Westinghouse: Project canceled 'without warning'
Anya Litvak, Pittsburgh Post-Gazette | August 9, 2017
A week after efforts to build two Westinghouse power plants came to a screeching halt in South Carolina, the Cranberry-based nuclear firm chronicled
the shock of the moment and began dealing with the aftershocks.
About 6,000 people worked at the V.C. Summer site where two utilities, SCG&E and Santee Cooper, had commissioned Westinghouse Electric Co. to build two AP1000 power plants nine years ago.
Westinghouse had hundreds of its own employees at the site last week when the South Carolina utilities decided to stop the construction project that already was years behind schedule and billions of dollars over budget. The decision stemmed in large part from Westinghouse’s March 29
bankruptcy, the utilities said.
But their move came “without warning,” Westinghouse said in a document filed with the bankruptcy court Monday.
The project owners did not give Westinghouse any notice before dismissing its subcontractors and vendors on the job, telling them to “halt all shipments and suspend or demobilize all work in progress,” the nuclear company said.
The utilities also restricted Westinghouse’s access to the project, the company said, “escorting its employees off the site using armed personnel, and subsequently only allowing entry to a handful of Westinghouse’s representatives and subcontractors, preventing Westinghouse from generally accessing the site” and carrying out its responsibilities.
The same was true for other workers like Kenneth Blind, a nuclear construction technician with Fluor Corp., the Texas-based firm that Westinghouse brought in in late 2015 to get the troubled construction work back on track.
Mr.
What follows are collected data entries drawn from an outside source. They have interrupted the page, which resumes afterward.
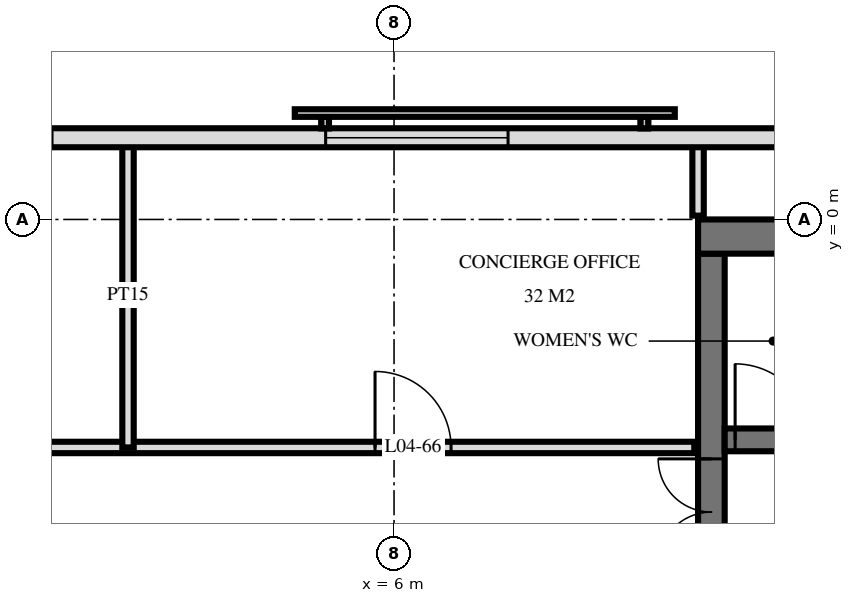
"""IFC4 building model, lengths in metres.
Left out: names, types, materials, properties, quantities, classifications, styles, units other than length and angle.
Written with IfcOpenShell. Run it as: python <this file> out.ifc"""

import sys

from ifc_helpers import new_model, si_unit, direction, frame, frame_2d, origin, place, context, subcontext, project, spatial, rectangle, extrude, element, fill, save


model = new_model("IFC4")
c1 = context("Model", 3, precision=1e-05, world=origin(), true_north=direction((0.0, 1.0)))
c2 = subcontext(c1, "Body", "Model", "MODEL_VIEW")
j1 = project(units=[si_unit("LENGTHUNIT", "METRE"), si_unit("PLANEANGLEUNIT", "RADIAN")], contexts=[c1])
p1 = place(None, origin())
s1 = spatial("IfcSite", under=j1, at=p1, CompositionType="ELEMENT")
p2 = place(p1, origin())
s2 = spatial("IfcBuilding", under=s1, at=p2, CompositionType="ELEMENT")
p3 = place(p2, frame((0.0, 0.0, 24.0)))
s3 = spatial("IfcBuildingStorey", under=s2, at=p3, CompositionType="ELEMENT", Elevation=24.0)
p4 = place(p3, frame((10.0, -0.225, 0.0), z_axis=(0.0, 0.0, 1.0), x_axis=(1.0, 0.0, 0.0)))
e1 = element("IfcWall", 1, at=p4, inside=s3, PredefinedType="SHEAR", context=c2, shape_type="SweptSolid", body=[
    extrude(rectangle(XDim=19.5, YDim=0.45, at=frame_2d((9.75, 0.0))), origin(), (0.0, 0.0, 1.0), 3.6),
])
p5 = place(p3, frame((10.175, -14.55, 0.0), z_axis=(0.0, 0.0, 1.0), x_axis=(0.0, 1.0, 0.0)))
e2 = element("IfcWall", 2, at=p5, inside=s3, PredefinedType="SHEAR", context=c2, shape_type="SweptSolid", body=[
    extrude(rectangle(XDim=14.1, YDim=0.35, at=frame_2d((7.05, 0.0))), origin(), (0.0, 0.0, 1.0), 3.6),
])
p6 = place(p5, frame((8.4, 0.0, 0.0)))
e3 = element("IfcOpeningElement", 3, at=p6, cuts=e2, PredefinedType="OPENING", context=c2, shape_type="SweptSolid", body=[
    extrude(rectangle(XDim=1.4, YDim=2.4, at=frame_2d((0.7, 1.2))), frame((0.0, 0.185, 0.0), z_axis=(0.0, -1.0, 0.0), x_axis=(1.0, 0.0, 0.0)), (0.0, 0.0, 1.0), 0.37),
])
p7 = place(p5, frame((10.0, 0.0, 0.0)))
e4 = element("IfcOpeningElement", 4, at=p7, cuts=e2, PredefinedType="OPENING", context=c2, shape_type="SweptSolid", body=[
    extrude(rectangle(XDim=1.4, YDim=2.4, at=frame_2d((0.7, 1.2))), frame((0.0, 0.185, 0.0), z_axis=(0.0, -1.0, 0.0), x_axis=(1.0, 0.0, 0.0)), (0.0, 0.0, 1.0), 0.37),
])
p8 = place(p5, frame((4.0, 0.0, 0.0)))
e5 = element("IfcOpeningElement", 5, at=p8, cuts=e2, PredefinedType="OPENING", context=c2, shape_type="SweptSolid", body=[
    extrude(rectangle(XDim=1.2, YDim=2.1, at=frame_2d((0.6, 1.05))), frame((0.0, 0.185, 0.0), z_axis=(0.0, -1.0, 0.0), x_axis=(1.0, 0.0, 0.0)), (0.0, 0.0, 1.0), 0.37),
])
p9 = place(p3, frame((10.35, -2.9, 0.0), z_axis=(0.0, 0.0, 1.0), x_axis=(1.0, 0.0, 0.0)))
e6 = element("IfcWall", 6, at=p9, inside=s3, PredefinedType="SHEAR", context=c2, shape_type="SweptSolid", body=[
    extrude(rectangle(XDim=18.7, YDim=0.3, at=frame_2d((9.35, 0.0))), origin(), (0.0, 0.0, 1.0), 3.6),
])
p10 = place(p9, frame((14.65, 0.0, 0.0)))
e7 = element("IfcOpeningElement", 7, at=p10, cuts=e6, PredefinedType="OPENING", context=c2, shape_type="SweptSolid", body=[
    extrude(rectangle(XDim=1.1, YDim=2.1, at=frame_2d((0.55, 1.05))), frame((0.0, 0.16, 0.0), z_axis=(0.0, -1.0, 0.0), x_axis=(1.0, 0.0, 0.0)), (0.0, 0.0, 1.0), 0.32),
])
p11 = place(p9, frame((17.05, 0.0, 0.0)))
e8 = element("IfcOpeningElement", 8, at=p11, cuts=e6, PredefinedType="OPENING", context=c2, shape_type="SweptSolid", body=[
    extrude(rectangle(XDim=1.1, YDim=2.1, at=frame_2d((0.55, 1.05))), frame((0.0, 0.16, 0.0), z_axis=(0.0, -1.0, 0.0), x_axis=(1.0, 0.0, 0.0)), (0.0, 0.0, 1.0), 0.32),
])
p12 = place(p9, frame((6.188, 0.0, 0.0)))
e9 = element("IfcOpeningElement", 9, at=p12, cuts=e6, PredefinedType="OPENING", context=c2, shape_type="SweptSolid", body=[
    extrude(rectangle(XDim=0.9, YDim=2.1, at=frame_2d((0.45, 1.05))), frame((0.0, 0.16, 0.0), z_axis=(0.0, -1.0, 0.0), x_axis=(1.0, 0.0, 0.0)), (0.0, 0.0, 1.0), 0.32),
])
p13 = place(p9, frame((7.613, 0.0, 0.0)))
e10 = element("IfcOpeningElement", 10, at=p13, cuts=e6, PredefinedType="OPENING", context=c2, shape_type="SweptSolid", body=[
    extrude(rectangle(XDim=0.9, YDim=2.1, at=frame_2d((0.45, 1.05))), frame((0.0, 0.16, 0.0), z_axis=(0.0, -1.0, 0.0), x_axis=(1.0, 0.0, 0.0)), (0.0, 0.0, 1.0), 0.32),
])
p14 = place(p9, frame((0.137, 0.0, 0.0)))
e11 = element("IfcOpeningElement", 11, at=p14, cuts=e6, PredefinedType="OPENING", context=c2, shape_type="SweptSolid", body=[
    extrude(rectangle(XDim=1.0, YDim=2.1, at=frame_2d((0.5, 1.05))), frame((0.0, 0.16, 0.0), z_axis=(0.0, -1.0, 0.0), x_axis=(1.0, 0.0, 0.0)), (0.0, 0.0, 1.0), 0.32),
])
p15 = place(p9, frame((1.562, 0.0, 0.0)))
e12 = element("IfcOpeningElement", 12, at=p15, cuts=e6, PredefinedType="OPENING", context=c2, shape_type="SweptSolid", body=[
    extrude(rectangle(XDim=1.0, YDim=2.1, at=frame_2d((0.5, 1.05))), frame((0.0, 0.16, 0.0), z_axis=(0.0, -1.0, 0.0), x_axis=(1.0, 0.0, 0.0)), (0.0, 0.0, 1.0), 0.32),
])
p16 = place(p9, frame((3.85, 0.0, 0.0)))
e13 = element("IfcOpeningElement", 13, at=p16, cuts=e6, PredefinedType="OPENING", context=c2, shape_type="SweptSolid", body=[
    extrude(rectangle(XDim=1.0, YDim=2.1, at=frame_2d((0.5, 1.05))), frame((0.0, 0.16, 0.0), z_axis=(0.0, -1.0, 0.0), x_axis=(1.0, 0.0, 0.0)), (0.0, 0.0, 1.0), 0.32),
])
p17 = place(p9, frame((12.1, 0.0, 0.0)))
e14 = element("IfcOpeningElement", 14, at=p17, cuts=e6, PredefinedType="OPENING", context=c2, shape_type="SweptSolid", body=[
    extrude(rectangle(XDim=1.0, YDim=2.1, at=frame_2d((0.5, 1.05))), frame((0.0, 0.16, 0.0), z_axis=(0.0, -1.0, 0.0), x_axis=(1.0, 0.0, 0.0)), (0.0, 0.0, 1.0), 0.32),
])
p18 = place(p3, frame((28.775, 1.075, 0.0), z_axis=(0.0, 0.0, 1.0), x_axis=(-1.0, 0.0, 0.0)))
e15 = element("IfcWall", 15, at=p18, inside=s3, PredefinedType="SOLIDWALL", context=c2, shape_type="SweptSolid", body=[
    extrude(rectangle(XDim=57.551, YDim=0.25, at=frame_2d((28.775, 0.0))), origin(), (0.0, 0.0, 1.0), 3.32),
])
p19 = place(p18, frame((21.275, 0.0, 0.3)))
e16 = element("IfcOpeningElement", 16, at=p19, cuts=e15, PredefinedType="OPENING", context=c2, shape_type="SweptSolid", body=[
    extrude(rectangle(XDim=2.4, YDim=2.1, at=frame_2d((1.2, 1.05))), frame((0.0, 0.135, 0.0), z_axis=(0.0, -1.0, 0.0), x_axis=(1.0, 0.0, 0.0)), (0.0, 0.0, 1.0), 0.27),
])
p20 = place(p18, frame((27.275, 0.0, 0.3)))
e17 = element("IfcOpeningElement", 17, at=p20, cuts=e15, PredefinedType="OPENING", context=c2, shape_type="SweptSolid", body=[
    extrude(rectangle(XDim=2.4, YDim=2.1, at=frame_2d((1.2, 1.05))), frame((0.0, 0.135, 0.0), z_axis=(0.0, -1.0, 0.0), x_axis=(1.0, 0.0, 0.0)), (0.0, 0.0, 1.0), 0.27),
])
p21 = place(p18, frame((30.275, 0.0, 0.3)))
e18 = element("IfcOpeningElement", 18, at=p21, cuts=e15, PredefinedType="OPENING", context=c2, shape_type="SweptSolid", body=[
    extrude(rectangle(XDim=2.4, YDim=2.1, at=frame_2d((1.2, 1.05))), frame((0.0, 0.135, 0.0), z_axis=(0.0, -1.0, 0.0), x_axis=(1.0, 0.0, 0.0)), (0.0, 0.0, 1.0), 0.27),
])
p22 = place(p3, frame((10.0, 0.05, 0.0), z_axis=(0.0, 0.0, 1.0), x_axis=(0.0, 1.0, 0.0)))
e19 = element("IfcWall", 19, at=p22, inside=s3, PredefinedType="PARTITIONING", context=c2, shape_type="SweptSolid", body=[
    extrude(rectangle(XDim=0.97, YDim=0.15, at=frame_2d((0.485, 0.0))), origin(), (0.0, 0.0, 1.0), 3.32),
])
p23 = place(p3, frame((2.5, -3.0, 0.0), z_axis=(0.0, 0.0, 1.0), x_axis=(0.0, 1.0, 0.0)))
e20 = element("IfcWall", 20, at=p23, inside=s3, PredefinedType="PARTITIONING", context=c2, shape_type="SweptSolid", body=[
    extrude(rectangle(XDim=4.02, YDim=0.15, at=frame_2d((2.01, 0.0))), origin(), (0.0, 0.0, 1.0), 3.32),
])
p24 = place(p3, frame((-9.95, -3.0, 0.0), z_axis=(0.0, 0.0, 1.0), x_axis=(1.0, 0.0, 0.0)))
e21 = element("IfcWall", 21, at=p24, inside=s3, PredefinedType="PARTITIONING", context=c2, shape_type="SweptSolid", body=[
    extrude(rectangle(XDim=19.9, YDim=0.15, at=frame_2d((9.95, 0.0))), origin(), (0.0, 0.0, 1.0), 3.32),
])
p25 = place(p24, frame((0.95, 0.0, 0.0)))
e22 = element("IfcOpeningElement", 22, at=p25, cuts=e21, PredefinedType="OPENING", context=c2, shape_type="SweptSolid", body=[
    extrude(rectangle(XDim=1.0, YDim=2.1, at=frame_2d((0.5, 1.05))), frame((0.0, 0.085, 0.0), z_axis=(0.0, -1.0, 0.0), x_axis=(1.0, 0.0, 0.0)), (0.0, 0.0, 1.0), 0.17),
])
p26 = place(p24, frame((3.7, 0.0, 0.0)))
e23 = element("IfcOpeningElement", 23, at=p26, cuts=e21, PredefinedType="OPENING", context=c2, shape_type="SweptSolid", body=[
    extrude(rectangle(XDim=1.0, YDim=2.1, at=frame_2d((0.5, 1.05))), frame((0.0, 0.085, 0.0), z_axis=(0.0, -1.0, 0.0), x_axis=(1.0, 0.0, 0.0)), (0.0, 0.0, 1.0), 0.17),
])
p27 = place(p24, frame((8.45, 0.0, 0.0)))
e24 = element("IfcOpeningElement", 24, at=p27, cuts=e21, PredefinedType="OPENING", context=c2, shape_type="SweptSolid", body=[
    extrude(rectangle(XDim=1.0, YDim=2.1, at=frame_2d((0.5, 1.05))), frame((0.0, 0.085, 0.0), z_axis=(0.0, -1.0, 0.0), x_axis=(1.0, 0.0, 0.0)), (0.0, 0.0, 1.0), 0.17),
])
p28 = place(p24, frame((15.7, 0.0, 0.0)))
e25 = element("IfcOpeningElement", 25, at=p28, cuts=e21, PredefinedType="OPENING", context=c2, shape_type="SweptSolid", body=[
    extrude(rectangle(XDim=1.0, YDim=2.1, at=frame_2d((0.5, 1.05))), frame((0.0, 0.085, 0.0), z_axis=(0.0, -1.0, 0.0), x_axis=(1.0, 0.0, 0.0)), (0.0, 0.0, 1.0), 0.17),
])
p29 = place(p19, origin())
e26 = element("IfcWindow", 26, at=p29, inside=s3, PartitioningType="SINGLE_PANEL", PredefinedType="WINDOW", context=c2, shape_type="SweptSolid", body=[
    extrude(rectangle(XDim=2.4, YDim=2.1, at=frame_2d((1.2, 1.05))), frame((0.0, 0.03, 0.0), z_axis=(0.0, -1.0, 0.0), x_axis=(1.0, 0.0, 0.0)), (0.0, 0.0, 1.0), 0.06),
])
fill(e16, e26)
p30 = place(p7, origin())
e27 = element("IfcDoor", 27, at=p30, inside=s3, OperationType="DOUBLE_DOOR_SINGLE_SWING", PredefinedType="DOOR", context=c2, shape_type="SweptSolid", body=[
    extrude(rectangle(XDim=1.4, YDim=2.4, at=frame_2d((0.7, 1.2))), frame((0.0, 0.025, 0.0), z_axis=(0.0, -1.0, 0.0), x_axis=(1.0, 0.0, 0.0)), (0.0, 0.0, 1.0), 0.05),
])
fill(e4, e27)
p31 = place(p14, origin())
e28 = element("IfcDoor", 28, at=p31, inside=s3, OperationType="SINGLE_SWING_RIGHT", PredefinedType="DOOR", context=c2, shape_type="SweptSolid", body=[
    extrude(rectangle(XDim=1.0, YDim=2.1, at=frame_2d((0.5, 1.05))), frame((0.0, 0.025, 0.0), z_axis=(0.0, -1.0, 0.0), x_axis=(1.0, 0.0, 0.0)), (0.0, 0.0, 1.0), 0.05),
])
fill(e11, e28)
p32 = place(p28, origin())
e29 = element("IfcDoor", 29, at=p32, inside=s3, OperationType="SINGLE_SWING_RIGHT", PredefinedType="DOOR", context=c2, shape_type="SweptSolid", body=[
    extrude(rectangle(XDim=1.0, YDim=2.1, at=frame_2d((0.5, 1.05))), frame((0.0, 0.025, 0.0), z_axis=(0.0, -1.0, 0.0), x_axis=(1.0, 0.0, 0.0)), (0.0, 0.0, 1.0), 0.05),
])
fill(e25, e29)
save(model, sys.argv[1])

Blind echoed Westinghouse’s account of what it was like on the day the project was canceled.
He found it strange that the Friday before the dismissals craft workers suddenly were told to hand in their work packages — binders with work instructions necessary to do their jobs, he said.
But the day before, Scana Corp., which owns part of the VC Summer project, had announced that Westinghouse’s parent company Toshiba Corp. had agreed to a $2.2 billion guarantee for the power plants. Mr. Blind took that as a good sign.
So did Westinghouse, which wrote in its bankruptcy filing on Monday that negotiating Toshiba’s commitment sent the message of wanting the projects to continue.
On the morning of July 31, things at V.C. Summer continued as usual. Mr. Blind’s team was starting to pour concrete for one of the buildings near the reactor. Around 11 a.m., a security guard approached him and asked if he would be sent home, too.
Too? Mr. Blind asked.
He went to find his boss, who then called his boss — a scene that was playing out across the huge site where thousands of workers were grasping at rumors. Word of armed guards had started to spread.
At an “all-hands meeting” at 2 p.m., they were told it was their last day on the job and thanked for their contribution to the project, Mr. Blind said.
People were angry, he recalled, and some were crying.
They began hustling to collect their stuff. “If you couldn't fit it through the turnstiles, you just had to leave it,” he said.
Now begins the work of “demobilizing” and “stabilizing” the site, Westinghouse said, vowing in a court document to seek payment from the South Carolina utilities for its part of the winding down process.
On Monday, Westinghouse also asked the court to allow it to break thousands of contracts associated with the V.C. Summer project. The contracts cover everything from engineering services and security protection to scaffolding and urine testing.
Had the project owners negotiated with Westinghouse to take over control of the power plant construction, as Southern Co. did with the Vogtle project in Georgia, these contracts would have likely changed hands from Westinghouse to the South Carolina utilities.
Now, they will join the long march of unsecured creditors in Westinghouse’s mammoth bankruptcy.